Quindi, solo una parte piccolissima della diversità delle farfalle del centro sud è attualmente protetta e la maggior parte non gode di nessuna attività di monitoraggio e interventi di gestione. Sarebbero quindi necessarie, a livello nazionale, tre azioni immediate per cercare di proteggere queste farfalle in un mondo in cui i cambiamenti ambientali sono sempre più repentini e imprevedibili. Primo: rivedere il rischio di estinzione valutando, separatamente per ogni specie, il rischio nella regione alpina e centro-meridionale, in modo da evidenziare popolazioni endemiche appenniniche a rischio di estinzione indipendentemente dalla ricchezza di altre entità sulle Alpi. A questo scopo le popolazioni di farfalle endemiche dovranno essere monitorate per valutarne lo stato di salute e il trend. A questo scopo preziosi possono essere  Parchi e cittadini che in alcuni casi già si sono già attivati unendosi al progetto Butterfly Monitoring Scheme (https://butterfly-monitoring.net/it/benvenuto). In secondo luogo da questo lavoro potremo avere una precisa mappa di priorità, evidenziando le aree della penisola italiane che raccolgono un numero particolarmente alto di queste specie così preziose. Anche in questo caso non dobbiamo dimenticare l’importante ruolo dei cittadini, i quali, attraverso le segnalazioni sulle piattaforme di citizen science, potranno dare un contributo fondamentale a conoscere l’esatta distribuzione di ognuna di queste specie e individuare così le migliori aree dove proteggerle. Infine, nessuna strategia di conservazione è compiuta se non si opera sul territorio e i Parchi identificati come prioritari dovranno porre le farfalle al centro dei loro Piani di Gestione. Esistono già progetti pilota nel panorama nazionale, come il Santuario delle Farfalle dell’isola d’Elba, gestito da Università degli Studi di Firenze, Legambiente e Parco Nazionale dell’Arcipelago Toscano. In quest’ottica i Parchi Nazionali che hanno sostenuto questo studio potranno avere un ruolo fondamentale per conservare una biodiversità invisibile che non vorremmo scomparisse poco dopo la sua scoperta.

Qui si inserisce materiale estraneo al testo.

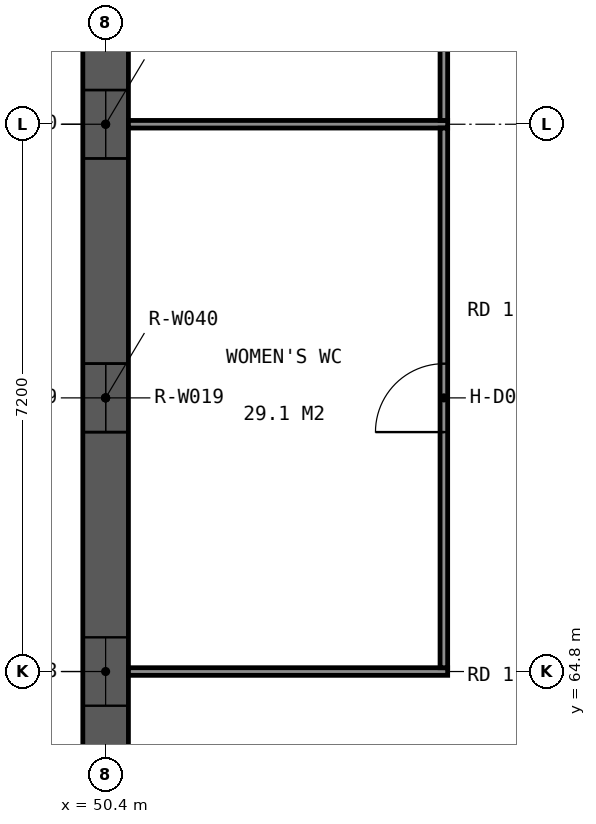
"""IFC4 building model, lengths in metres.
Left out: names, types, materials, properties, quantities, classifications, styles, units other than length and angle.
Written with IfcOpenShell. Run it as: python <this file> out.ifc"""

import sys

from ifc_helpers import new_model, si_unit, direction, frame, frame_2d, origin, place, context, subcontext, project, spatial, polyline, rectangle, outline, extrude, element, fill, save


model = new_model("IFC4")
c1 = context("Model", 3, precision=1e-05, world=origin(), true_north=direction((0.0, 1.0)))
c2 = subcontext(c1, "Body", "Model", "MODEL_VIEW")
j1 = project(units=[si_unit("LENGTHUNIT", "METRE"), si_unit("PLANEANGLEUNIT", "RADIAN")], contexts=[c1])
p1 = place(None, origin())
s1 = spatial("IfcSite", under=j1, at=p1, CompositionType="ELEMENT")
p2 = place(p1, origin())
s2 = spatial("IfcBuilding", under=s1, at=p2, CompositionType="ELEMENT")
p3 = place(p2, frame((0.0, 0.0, 9.6)))
s3 = spatial("IfcBuildingStorey", under=s2, at=p3, CompositionType="ELEMENT", Elevation=9.6)
p4 = place(p3, frame((50.4, 52.2, 0.0), z_axis=(0.0, 0.0, 1.0), x_axis=(0.0, 1.0, 0.0)))
e1 = element("IfcWall", 1, at=p4, inside=s3, PredefinedType="SOLIDWALL", context=c2, shape_type="SweptSolid", body=[
    extrude(outline(polyline([(0.0, 0.0), (54.0, 0.0), (54.0, 6.409), (53.7, 6.509), (53.4, 6.609), (53.1, 6.709), (52.8, 6.809), (52.5, 6.909), (52.2, 7.009), (51.9, 7.109), (51.6, 7.209), (51.3, 7.309), (51.0, 7.409), (50.764, 7.488), (50.762, 7.489), (50.7, 7.509), (50.4, 7.609), (50.1, 7.709), (49.8, 7.809), (49.5, 7.909), (49.2, 8.009), (48.9, 8.109), (48.6, 8.209), (48.3, 8.309), (48.0, 8.409), (47.7, 8.509), (47.4, 8.609), (47.1, 8.709), (46.8, 8.809), (46.5, 8.909), (46.2, 9.009), (46.027, 9.067), (46.025, 9.068), (45.964, 9.088), (45.962, 9.3), (45.9, 9.32), (45.6, 9.42), (45.3, 9.52), (45.0, 9.62), (44.7, 9.72), (44.4, 9.82), (44.1, 9.92), (43.8, 10.02), (43.5, 10.12), (43.2, 10.22), (42.9, 10.32), (42.6, 10.42), (42.3, 10.52), (42.0, 10.62), (41.7, 10.72), (41.4, 10.82), (41.227, 10.878), (41.225, 10.878), (41.1, 10.92), (40.8, 11.02), (40.5, 11.12), (40.2, 11.22), (39.9, 11.32), (39.6, 11.42), (39.3, 11.52), (39.0, 11.62), (38.7, 11.72), (38.4, 11.82), (38.1, 11.92), (37.8, 12.02), (37.5, 12.12), (37.2, 12.22), (36.9, 12.32), (36.6, 12.42), (36.49, 12.457), (36.488, 12.458), (36.427, 12.478), (36.425, 12.689), (36.3, 12.731), (36.0, 12.831), (35.7, 12.931), (35.4, 13.031), (35.1, 13.131), (34.8, 13.231), (34.5, 13.331), (34.2, 13.431), (33.9, 13.531), (33.6, 13.631), (33.3, 13.731), (33.0, 13.831), (32.7, 13.931), (32.4, 14.031), (32.1, 14.131), (31.8, 14.231), (31.69, 14.268), (31.688, 14.268), (31.5, 14.331), (31.2, 14.431), (30.9, 14.531), (30.6, 14.631), (30.3, 14.731), (30.0, 14.831), (29.7, 14.931), (29.4, 15.031), (29.1, 15.131), (28.8, 15.231), (28.5, 15.331), (28.2, 15.431), (27.9, 15.531), (27.6, 15.631), (27.3, 15.731), (27.201, 15.764), (27.199, 15.764), (27.0, 15.764), (26.801, 15.764), (26.799, 15.764), (26.7, 15.731), (26.4, 15.631), (26.1, 15.531), (25.8, 15.431), (25.5, 15.331), (25.2, 15.231), (24.9, 15.131), (24.6, 15.031), (24.3, 14.931), (24.0, 14.831), (23.7, 14.731), (23.4, 14.631), (23.1, 14.531), (22.8, 14.431), (22.5, 14.331), (22.312, 14.268), (22.31, 14.268), (22.2, 14.231), (21.9, 14.131), (21.6, 14.031), (21.3, 13.931), (21.0, 13.831), (20.7, 13.731), (20.4, 13.631), (20.1, 13.531), (19.8, 13.431), (19.5, 13.331), (19.2, 13.231), (18.9, 13.131), (18.6, 13.031), (18.3, 12.931), (18.0, 12.831), (17.7, 12.731), (17.575, 12.689), (17.573, 12.478), (17.512, 12.458), (17.51, 12.457), (17.4, 12.42), (17.1, 12.32), (16.8, 12.22), (16.5, 12.12), (16.2, 12.02), (15.9, 11.92), (15.6, 11.82), (15.3, 11.72), (15.0, 11.62), (14.7, 11.52), (14.4, 11.42), (14.1, 11.32), (13.8, 11.22), (13.5, 11.12), (13.2, 11.02), (12.9, 10.92), (12.775, 10.878), (12.773, 10.878), (12.6, 10.82), (12.3, 10.72), (12.0, 10.62), (11.7, 10.52), (11.4, 10.42), (11.1, 10.32), (10.8, 10.22), (10.5, 10.12), (10.2, 10.02), (9.9, 9.92), (9.6, 9.82), (9.3, 9.72), (9.0, 9.62), (8.7, 9.52), (8.4, 9.42), (8.1, 9.32), (8.038, 9.3), (8.036, 9.088), (7.975, 9.068), (7.973, 9.067), (7.8, 9.009), (7.5, 8.909), (7.2, 8.809), (6.9, 8.709), (6.6, 8.609), (6.3, 8.509), (6.0, 8.409), (5.7, 8.309), (5.4, 8.209), (5.1, 8.109), (4.8, 8.009), (4.5, 7.909), (4.2, 7.809), (3.9, 7.709), (3.6, 7.609), (3.3, 7.509), (3.238, 7.489), (3.236, 7.488), (3.0, 7.409), (2.7, 7.309), (2.4, 7.209), (2.1, 7.109), (1.8, 7.009), (1.5, 6.909), (1.2, 6.809), (0.9, 6.709), (0.6, 6.609), (0.3, 6.509), (0.0, 6.409), (0.0, 0.0)])), frame((0.0, 0.3, 0.0), z_axis=(0.0, -1.0, 0.0), x_axis=(1.0, 0.0, 0.0)), (0.0, 0.0, 1.0), 0.6),
])
p5 = place(p4, frame((1.35, 0.0, 0.9)))
e2 = element("IfcOpeningElement", 2, at=p5, cuts=e1, PredefinedType="OPENING", context=c2, shape_type="SweptSolid", body=[
    extrude(rectangle(XDim=0.9, YDim=3.3, at=frame_2d((0.45, 1.65))), frame((0.0, 0.31, 0.0), z_axis=(0.0, -1.0, 0.0), x_axis=(1.0, 0.0, 0.0)), (0.0, 0.0, 1.0), 0.62),
])
p6 = place(p4, frame((8.55, 0.0, 0.9)))
e3 = element("IfcOpeningElement", 3, at=p6, cuts=e1, PredefinedType="OPENING", context=c2, shape_type="SweptSolid", body=[
    extrude(rectangle(XDim=0.9, YDim=3.3, at=frame_2d((0.45, 1.65))), frame((0.0, 0.31, 0.0), z_axis=(0.0, -1.0, 0.0), x_axis=(1.0, 0.0, 0.0)), (0.0, 0.0, 1.0), 0.62),
])
p7 = place(p4, frame((15.75, 0.0, 0.9)))
e4 = element("IfcOpeningElement", 4, at=p7, cuts=e1, PredefinedType="OPENING", context=c2, shape_type="SweptSolid", body=[
    extrude(rectangle(XDim=0.9, YDim=3.3, at=frame_2d((0.45, 1.65))), frame((0.0, 0.31, 0.0), z_axis=(0.0, -1.0, 0.0), x_axis=(1.0, 0.0, 0.0)), (0.0, 0.0, 1.0), 0.62),
])
p8 = place(p4, frame((22.95, 0.0, 0.9)))
e5 = element("IfcOpeningElement", 5, at=p8, cuts=e1, PredefinedType="OPENING", context=c2, shape_type="SweptSolid", body=[
    extrude(rectangle(XDim=0.9, YDim=3.3, at=frame_2d((0.45, 1.65))), frame((0.0, 0.31, 0.0), z_axis=(0.0, -1.0, 0.0), x_axis=(1.0, 0.0, 0.0)), (0.0, 0.0, 1.0), 0.62),
])
p9 = place(p4, frame((30.15, 0.0, 0.9)))
e6 = element("IfcOpeningElement", 6, at=p9, cuts=e1, PredefinedType="OPENING", context=c2, shape_type="SweptSolid", body=[
    extrude(rectangle(XDim=0.9, YDim=3.3, at=frame_2d((0.45, 1.65))), frame((0.0, 0.31, 0.0), z_axis=(0.0, -1.0, 0.0), x_axis=(1.0, 0.0, 0.0)), (0.0, 0.0, 1.0), 0.62),
])
p10 = place(p4, frame((37.35, 0.0, 0.9)))
e7 = element("IfcOpeningElement", 7, at=p10, cuts=e1, PredefinedType="OPENING", context=c2, shape_type="SweptSolid", body=[
    extrude(rectangle(XDim=0.9, YDim=3.3, at=frame_2d((0.45, 1.65))), frame((0.0, 0.31, 0.0), z_axis=(0.0, -1.0, 0.0), x_axis=(1.0, 0.0, 0.0)), (0.0, 0.0, 1.0), 0.62),
])
p11 = place(p4, frame((44.55, 0.0, 0.9)))
e8 = element("IfcOpeningElement", 8, at=p11, cuts=e1, PredefinedType="OPENING", context=c2, shape_type="SweptSolid", body=[
    extrude(rectangle(XDim=0.9, YDim=3.3, at=frame_2d((0.45, 1.65))), frame((0.0, 0.31, 0.0), z_axis=(0.0, -1.0, 0.0), x_axis=(1.0, 0.0, 0.0)), (0.0, 0.0, 1.0), 0.62),
])
p12 = place(p4, frame((51.75, 0.0, 0.9)))
e9 = element("IfcOpeningElement", 9, at=p12, cuts=e1, PredefinedType="OPENING", context=c2, shape_type="SweptSolid", body=[
    extrude(rectangle(XDim=0.9, YDim=3.3, at=frame_2d((0.45, 1.65))), frame((0.0, 0.31, 0.0), z_axis=(0.0, -1.0, 0.0), x_axis=(1.0, 0.0, 0.0)), (0.0, 0.0, 1.0), 0.62),
])
p13 = place(p4, frame((1.35, 0.0, 4.8)))
e10 = element("IfcOpeningElement", 10, at=p13, cuts=e1, PredefinedType="OPENING", context=c2, shape_type="SweptSolid", body=[
    extrude(rectangle(XDim=0.9, YDim=1.5, at=frame_2d((0.45, 0.75))), frame((0.0, 0.31, 0.0), z_axis=(0.0, -1.0, 0.0), x_axis=(1.0, 0.0, 0.0)), (0.0, 0.0, 1.0), 0.62),
])
p14 = place(p4, frame((4.95, 0.0, 4.8)))
e11 = element("IfcOpeningElement", 11, at=p14, cuts=e1, PredefinedType="OPENING", context=c2, shape_type="SweptSolid", body=[
    extrude(rectangle(XDim=0.9, YDim=2.4, at=frame_2d((0.45, 1.2))), frame((0.0, 0.31, 0.0), z_axis=(0.0, -1.0, 0.0), x_axis=(1.0, 0.0, 0.0)), (0.0, 0.0, 1.0), 0.62),
])
p15 = place(p4, frame((8.55, 0.0, 4.8)))
e12 = element("IfcOpeningElement", 12, at=p15, cuts=e1, PredefinedType="OPENING", context=c2, shape_type="SweptSolid", body=[
    extrude(rectangle(XDim=0.9, YDim=3.3, at=frame_2d((0.45, 1.65))), frame((0.0, 0.31, 0.0), z_axis=(0.0, -1.0, 0.0), x_axis=(1.0, 0.0, 0.0)), (0.0, 0.0, 1.0), 0.62),
])
p16 = place(p4, frame((12.15, 0.0, 4.8)))
e13 = element("IfcOpeningElement", 13, at=p16, cuts=e1, PredefinedType="OPENING", context=c2, shape_type="SweptSolid", body=[
    extrude(rectangle(XDim=0.9, YDim=4.2, at=frame_2d((0.45, 2.1))), frame((0.0, 0.31, 0.0), z_axis=(0.0, -1.0, 0.0), x_axis=(1.0, 0.0, 0.0)), (0.0, 0.0, 1.0), 0.62),
])
p17 = place(p4, frame((15.75, 0.0, 4.8)))
e14 = element("IfcOpeningElement", 14, at=p17, cuts=e1, PredefinedType="OPENING", context=c2, shape_type="SweptSolid", body=[
    extrude(rectangle(XDim=0.9, YDim=4.2, at=frame_2d((0.45, 2.1))), frame((0.0, 0.31, 0.0), z_axis=(0.0, -1.0, 0.0), x_axis=(1.0, 0.0, 0.0)), (0.0, 0.0, 1.0), 0.62),
])
p18 = place(p4, frame((19.35, 0.0, 4.8)))
e15 = element("IfcOpeningElement", 15, at=p18, cuts=e1, PredefinedType="OPENING", context=c2, shape_type="SweptSolid", body=[
    extrude(rectangle(XDim=0.9, YDim=4.2, at=frame_2d((0.45, 2.1))), frame((0.0, 0.31, 0.0), z_axis=(0.0, -1.0, 0.0), x_axis=(1.0, 0.0, 0.0)), (0.0, 0.0, 1.0), 0.62),
])
p19 = place(p4, frame((22.95, 0.0, 4.8)))
e16 = element("IfcOpeningElement", 16, at=p19, cuts=e1, PredefinedType="OPENING", context=c2, shape_type="SweptSolid", body=[
    extrude(rectangle(XDim=0.9, YDim=4.2, at=frame_2d((0.45, 2.1))), frame((0.0, 0.31, 0.0), z_axis=(0.0, -1.0, 0.0), x_axis=(1.0, 0.0, 0.0)), (0.0, 0.0, 1.0), 0.62),
])
p20 = place(p4, frame((26.55, 0.0, 4.8)))
e17 = element("IfcOpeningElement", 17, at=p20, cuts=e1, PredefinedType="OPENING", context=c2, shape_type="SweptSolid", body=[
    extrude(rectangle(XDim=0.9, YDim=4.2, at=frame_2d((0.45, 2.1))), frame((0.0, 0.31, 0.0), z_axis=(0.0, -1.0, 0.0), x_axis=(1.0, 0.0, 0.0)), (0.0, 0.0, 1.0), 0.62),
])
p21 = place(p4, frame((30.15, 0.0, 4.8)))
e18 = element("IfcOpeningElement", 18, at=p21, cuts=e1, PredefinedType="OPENING", context=c2, shape_type="SweptSolid", body=[
    extrude(rectangle(XDim=0.9, YDim=4.2, at=frame_2d((0.45, 2.1))), frame((0.0, 0.31, 0.0), z_axis=(0.0, -1.0, 0.0), x_axis=(1.0, 0.0, 0.0)), (0.0, 0.0, 1.0), 0.62),
])
p22 = place(p4, frame((33.75, 0.0, 4.8)))
e19 = element("IfcOpeningElement", 19, at=p22, cuts=e1, PredefinedType="OPENING", context=c2, shape_type="SweptSolid", body=[
    extrude(rectangle(XDim=0.9, YDim=4.2, at=frame_2d((0.45, 2.1))), frame((0.0, 0.31, 0.0), z_axis=(0.0, -1.0, 0.0), x_axis=(1.0, 0.0, 0.0)), (0.0, 0.0, 1.0), 0.62),
])
p23 = place(p4, frame((37.35, 0.0, 4.8)))
e20 = element("IfcOpeningElement", 20, at=p23, cuts=e1, PredefinedType="OPENING", context=c2, shape_type="SweptSolid", body=[
    extrude(rectangle(XDim=0.9, YDim=4.2, at=frame_2d((0.45, 2.1))), frame((0.0, 0.31, 0.0), z_axis=(0.0, -1.0, 0.0), x_axis=(1.0, 0.0, 0.0)), (0.0, 0.0, 1.0), 0.62),
])
p24 = place(p4, frame((40.95, 0.0, 4.8)))
e21 = element("IfcOpeningElement", 21, at=p24, cuts=e1, PredefinedType="OPENING", context=c2, shape_type="SweptSolid", body=[
    extrude(rectangle(XDim=0.9, YDim=4.2, at=frame_2d((0.45, 2.1))), frame((0.0, 0.31, 0.0), z_axis=(0.0, -1.0, 0.0), x_axis=(1.0, 0.0, 0.0)), (0.0, 0.0, 1.0), 0.62),
])
p25 = place(p4, frame((44.55, 0.0, 4.8)))
e22 = element("IfcOpeningElement", 22, at=p25, cuts=e1, PredefinedType="OPENING", context=c2, shape_type="SweptSolid", body=[
    extrude(rectangle(XDim=0.9, YDim=3.3, at=frame_2d((0.45, 1.65))), frame((0.0, 0.31, 0.0), z_axis=(0.0, -1.0, 0.0), x_axis=(1.0, 0.0, 0.0)), (0.0, 0.0, 1.0), 0.62),
])
p26 = place(p4, frame((48.15, 0.0, 4.8)))
e23 = element("IfcOpeningElement", 23, at=p26, cuts=e1, PredefinedType="OPENING", context=c2, shape_type="SweptSolid", body=[
    extrude(rectangle(XDim=0.9, YDim=2.4, at=frame_2d((0.45, 1.2))), frame((0.0, 0.31, 0.0), z_axis=(0.0, -1.0, 0.0), x_axis=(1.0, 0.0, 0.0)), (0.0, 0.0, 1.0), 0.62),
])
p27 = place(p4, frame((51.75, 0.0, 4.8)))
e24 = element("IfcOpeningElement", 24, at=p27, cuts=e1, PredefinedType="OPENING", context=c2, shape_type="SweptSolid", body=[
    extrude(rectangle(XDim=0.9, YDim=1.5, at=frame_2d((0.45, 0.75))), frame((0.0, 0.31, 0.0), z_axis=(0.0, -1.0, 0.0), x_axis=(1.0, 0.0, 0.0)), (0.0, 0.0, 1.0), 0.62),
])
p28 = place(p4, frame((15.75, 0.0, 9.6)))
e25 = element("IfcOpeningElement", 25, at=p28, cuts=e1, PredefinedType="OPENING", context=c2, shape_type="SweptSolid", body=[
    extrude(rectangle(XDim=0.9, YDim=1.5, at=frame_2d((0.45, 0.75))), frame((0.0, 0.31, 0.0), z_axis=(0.0, -1.0, 0.0), x_axis=(1.0, 0.0, 0.0)), (0.0, 0.0, 1.0), 0.62),
])
p29 = place(p4, frame((19.35, 0.0, 9.6)))
e26 = element("IfcOpeningElement", 26, at=p29, cuts=e1, PredefinedType="OPENING", context=c2, shape_type="SweptSolid", body=[
    extrude(rectangle(XDim=0.9, YDim=2.4, at=frame_2d((0.45, 1.2))), frame((0.0, 0.31, 0.0), z_axis=(0.0, -1.0, 0.0), x_axis=(1.0, 0.0, 0.0)), (0.0, 0.0, 1.0), 0.62),
])
p30 = place(p4, frame((22.95, 0.0, 9.6)))
e27 = element("IfcOpeningElement", 27, at=p30, cuts=e1, PredefinedType="OPENING", context=c2, shape_type="SweptSolid", body=[
    extrude(rectangle(XDim=0.9, YDim=4.2, at=frame_2d((0.45, 2.1))), frame((0.0, 0.31, 0.0), z_axis=(0.0, -1.0, 0.0), x_axis=(1.0, 0.0, 0.0)), (0.0, 0.0, 1.0), 0.62),
])
p31 = place(p4, frame((26.55, 0.0, 9.6)))
e28 = element("IfcOpeningElement", 28, at=p31, cuts=e1, PredefinedType="OPENING", context=c2, shape_type="SweptSolid", body=[
    extrude(rectangle(XDim=0.9, YDim=4.2, at=frame_2d((0.45, 2.1))), frame((0.0, 0.31, 0.0), z_axis=(0.0, -1.0, 0.0), x_axis=(1.0, 0.0, 0.0)), (0.0, 0.0, 1.0), 0.62),
])
p32 = place(p4, frame((30.15, 0.0, 9.6)))
e29 = element("IfcOpeningElement", 29, at=p32, cuts=e1, PredefinedType="OPENING", context=c2, shape_type="SweptSolid", body=[
    extrude(rectangle(XDim=0.9, YDim=4.2, at=frame_2d((0.45, 2.1))), frame((0.0, 0.31, 0.0), z_axis=(0.0, -1.0, 0.0), x_axis=(1.0, 0.0, 0.0)), (0.0, 0.0, 1.0), 0.62),
])
p33 = place(p4, frame((33.75, 0.0, 9.6)))
e30 = element("IfcOpeningElement", 30, at=p33, cuts=e1, PredefinedType="OPENING", context=c2, shape_type="SweptSolid", body=[
    extrude(rectangle(XDim=0.9, YDim=2.4, at=frame_2d((0.45, 1.2))), frame((0.0, 0.31, 0.0), z_axis=(0.0, -1.0, 0.0), x_axis=(1.0, 0.0, 0.0)), (0.0, 0.0, 1.0), 0.62),
])
p34 = place(p4, frame((37.35, 0.0, 9.6)))
e31 = element("IfcOpeningElement", 31, at=p34, cuts=e1, PredefinedType="OPENING", context=c2, shape_type="SweptSolid", body=[
    extrude(rectangle(XDim=0.9, YDim=1.5, at=frame_2d((0.45, 0.75))), frame((0.0, 0.31, 0.0), z_axis=(0.0, -1.0, 0.0), x_axis=(1.0, 0.0, 0.0)), (0.0, 0.0, 1.0), 0.62),
])
for number, where, z_axis, x_axis in (
    (32, (50.7, 64.8, 0.0), (0.0, 0.0, 1.0), (1.0, 0.0, 0.0)),
    (33, (50.7, 72.0, 0.0), (0.0, 0.0, 1.0), (1.0, 0.0, 0.0)),
):
    element("IfcWall", number, at=place(p3, frame(where, z_axis=z_axis, x_axis=x_axis)), inside=s3, PredefinedType="PARTITIONING", context=c2, shape_type="SweptSolid", body=[
        extrude(rectangle(XDim=4.2, YDim=0.1, at=frame_2d((2.1, 0.0))), origin(), (0.0, 0.0, 1.0), 4.7),
    ])
p35 = place(p3, frame((54.85, 64.85, 0.0), z_axis=(0.0, 0.0, 1.0), x_axis=(0.0, 1.0, 0.0)))
e34 = element("IfcWall", 34, at=p35, inside=s3, PredefinedType="PARTITIONING", context=c2, shape_type="SweptSolid", body=[
    extrude(rectangle(XDim=7.1, YDim=0.1, at=frame_2d((3.55, 0.0))), origin(), (0.0, 0.0, 1.0), 4.7),
])
p36 = place(p35, frame((3.1, 0.0, 0.0)))
e35 = element("IfcOpeningElement", 35, at=p36, cuts=e34, PredefinedType="OPENING", context=c2, shape_type="SweptSolid", body=[
    extrude(rectangle(XDim=0.9, YDim=2.1, at=frame_2d((0.45, 1.05))), frame((0.0, 0.06, 0.0), z_axis=(0.0, -1.0, 0.0), x_axis=(1.0, 0.0, 0.0)), (0.0, 0.0, 1.0), 0.12),
])
p37 = place(p3, frame((54.85, 72.05, 0.0), z_axis=(0.0, 0.0, 1.0), x_axis=(0.0, 1.0, 0.0)))
e36 = element("IfcWall", 36, at=p37, inside=s3, PredefinedType="PARTITIONING", context=c2, shape_type="SweptSolid", body=[
    extrude(rectangle(XDim=7.1, YDim=0.1, at=frame_2d((3.55, 0.0))), origin(), (0.0, 0.0, 1.0), 4.7),
])
p38 = place(p37, frame((3.1, 0.0, 0.0)))
e37 = element("IfcOpeningElement", 37, at=p38, cuts=e36, PredefinedType="OPENING", context=c2, shape_type="SweptSolid", body=[
    extrude(rectangle(XDim=0.9, YDim=2.1, at=frame_2d((0.45, 1.05))), frame((0.0, 0.06, 0.0), z_axis=(0.0, -1.0, 0.0), x_axis=(1.0, 0.0, 0.0)), (0.0, 0.0, 1.0), 0.12),
])
p39 = place(p7, origin())
e38 = element("IfcWindow", 38, at=p39, inside=s3, PartitioningType="SINGLE_PANEL", PredefinedType="WINDOW", context=c2, shape_type="SweptSolid", body=[
    extrude(rectangle(XDim=0.9, YDim=3.3, at=frame_2d((0.45, 1.65))), frame((0.0, 0.03, 0.0), z_axis=(0.0, -1.0, 0.0), x_axis=(1.0, 0.0, 0.0)), (0.0, 0.0, 1.0), 0.06),
])
fill(e4, e38)
p40 = place(p16, origin())
e39 = element("IfcWindow", 39, at=p40, inside=s3, PartitioningType="SINGLE_PANEL", PredefinedType="WINDOW", context=c2, shape_type="SweptSolid", body=[
    extrude(rectangle(XDim=0.9, YDim=4.2, at=frame_2d((0.45, 2.1))), frame((0.0, 0.03, 0.0), z_axis=(0.0, -1.0, 0.0), x_axis=(1.0, 0.0, 0.0)), (0.0, 0.0, 1.0), 0.06),
])
fill(e13, e39)
p41 = place(p17, origin())
e40 = element("IfcWindow", 40, at=p41, inside=s3, PartitioningType="SINGLE_PANEL", PredefinedType="WINDOW", context=c2, shape_type="SweptSolid", body=[
    extrude(rectangle(XDim=0.9, YDim=4.2, at=frame_2d((0.45, 2.1))), frame((0.0, 0.03, 0.0), z_axis=(0.0, -1.0, 0.0), x_axis=(1.0, 0.0, 0.0)), (0.0, 0.0, 1.0), 0.06),
])
fill(e14, e40)
p42 = place(p18, origin())
e41 = element("IfcWindow", 41, at=p42, inside=s3, PartitioningType="SINGLE_PANEL", PredefinedType="WINDOW", context=c2, shape_type="SweptSolid", body=[
    extrude(rectangle(XDim=0.9, YDim=4.2, at=frame_2d((0.45, 2.1))), frame((0.0, 0.03, 0.0), z_axis=(0.0, -1.0, 0.0), x_axis=(1.0, 0.0, 0.0)), (0.0, 0.0, 1.0), 0.06),
])
fill(e15, e41)
p43 = place(p28, origin())
e42 = element("IfcWindow", 42, at=p43, inside=s3, PartitioningType="SINGLE_PANEL", PredefinedType="WINDOW", context=c2, shape_type="SweptSolid", body=[
    extrude(rectangle(XDim=0.9, YDim=1.5, at=frame_2d((0.45, 0.75))), frame((0.0, 0.03, 0.0), z_axis=(0.0, -1.0, 0.0), x_axis=(1.0, 0.0, 0.0)), (0.0, 0.0, 1.0), 0.06),
])
fill(e25, e42)
p44 = place(p29, origin())
e43 = element("IfcWindow", 43, at=p44, inside=s3, PartitioningType="SINGLE_PANEL", PredefinedType="WINDOW", context=c2, shape_type="SweptSolid", body=[
    extrude(rectangle(XDim=0.9, YDim=2.4, at=frame_2d((0.45, 1.2))), frame((0.0, 0.03, 0.0), z_axis=(0.0, -1.0, 0.0), x_axis=(1.0, 0.0, 0.0)), (0.0, 0.0, 1.0), 0.06),
])
fill(e26, e43)
p45 = place(p36, origin())
e44 = element("IfcDoor", 44, at=p45, inside=s3, OperationType="SINGLE_SWING_LEFT", PredefinedType="DOOR", context=c2, shape_type="SweptSolid", body=[
    extrude(rectangle(XDim=0.9, YDim=2.1, at=frame_2d((0.45, 1.05))), frame((0.0, 0.025, 0.0), z_axis=(0.0, -1.0, 0.0), x_axis=(1.0, 0.0, 0.0)), (0.0, 0.0, 1.0), 0.05),
])
fill(e35, e44)
save(model, sys.argv[1])

Il Parco Nazionale dell’Arcipelago Toscano conta diverse entità endemiche dell’area tirrenica. Tra di esse alcuni sono parte della biodiversità visibile come Zerynthia cassandra, presente oltre che nella Penisola Italiana in due sole isole, l’Elba e la Sicilia. All’Elba Z. cassandra vive in un’area di soli 4 km2 ed è continuamente monitorata dell’Università di Firenze in collaborazione col Parco Nazionale. La Coenonympha corinna, endemismo tirrenico visibile ma divisa in tre endemismi invisibili, il primo vive nel litorale toscano, all’Elba e a Giannutri, mentre al Giglio purtroppo non ricompare da più di 20 anni e si stanno ipotizzando azioni di reintroduzione; il secondo vive a Capraia e in Corsica e il terzo in Sardegna. La Hipparchia neomiris  un altro endemismo tirrenico a sua volta divisa in due endemismi invisibili, di cui uno vive in Sardegna e l’altro in Corsica, Capraia e Elba. Per Capraia si nutrivano preoccupazioni per l’assenza di dati negli ultimi tre decenni, poi alcune segnalazioni di appassionati su iNaturalist del 2018 e 2019 hanno fatto tirare un sospiro di sollievo. Altri importanti endemismi insulari sono rappresentati da Hipparchia aristeus (Sardegna, Corsica, Giglio, Elba e Gorgona, con la popolazione di quest’ultima da confermare), Plebejus bellieri Sardegna, Corsica e Elba e Lasiommata paramegaera, Sardegna, Corsica, Capraia, Montecristo. Se Capraia è tra le isole col maggior numero di questi endemismi per l’Arcipelago è anche quella che desta maggior preoccupazione. Dagli anni ’70 si è infatti assistito alla scomparsa di circa una specie di farfalle ogni 4-5 anni. Tutt’altro discorso vale per Montecristo dove, a seguito della derattizzazione la maggior parte delle popolazioni di farfalle hanno mostrato una ripresa con alcune specie che, apparentemente scomparse da decenni, sono ricomparse in apparente buona salute negli ultimi 6 anni. Proprio allo scopo di preservare tutti gli elementi di una fauna tanto ricca e diversificata, il Parco ha deciso di investire fondi ministeriali nel monitoraggio delle farfalle e di altri impollinatori nel loro monitoraggio. Durante il 2021 saranno individuate aree da percorrere allo scopo di condurre transetti che permetteranno di aggiornare la fauna di ogni isola e di identificare gli elementi che necessitano di una salvaguardia più urgente.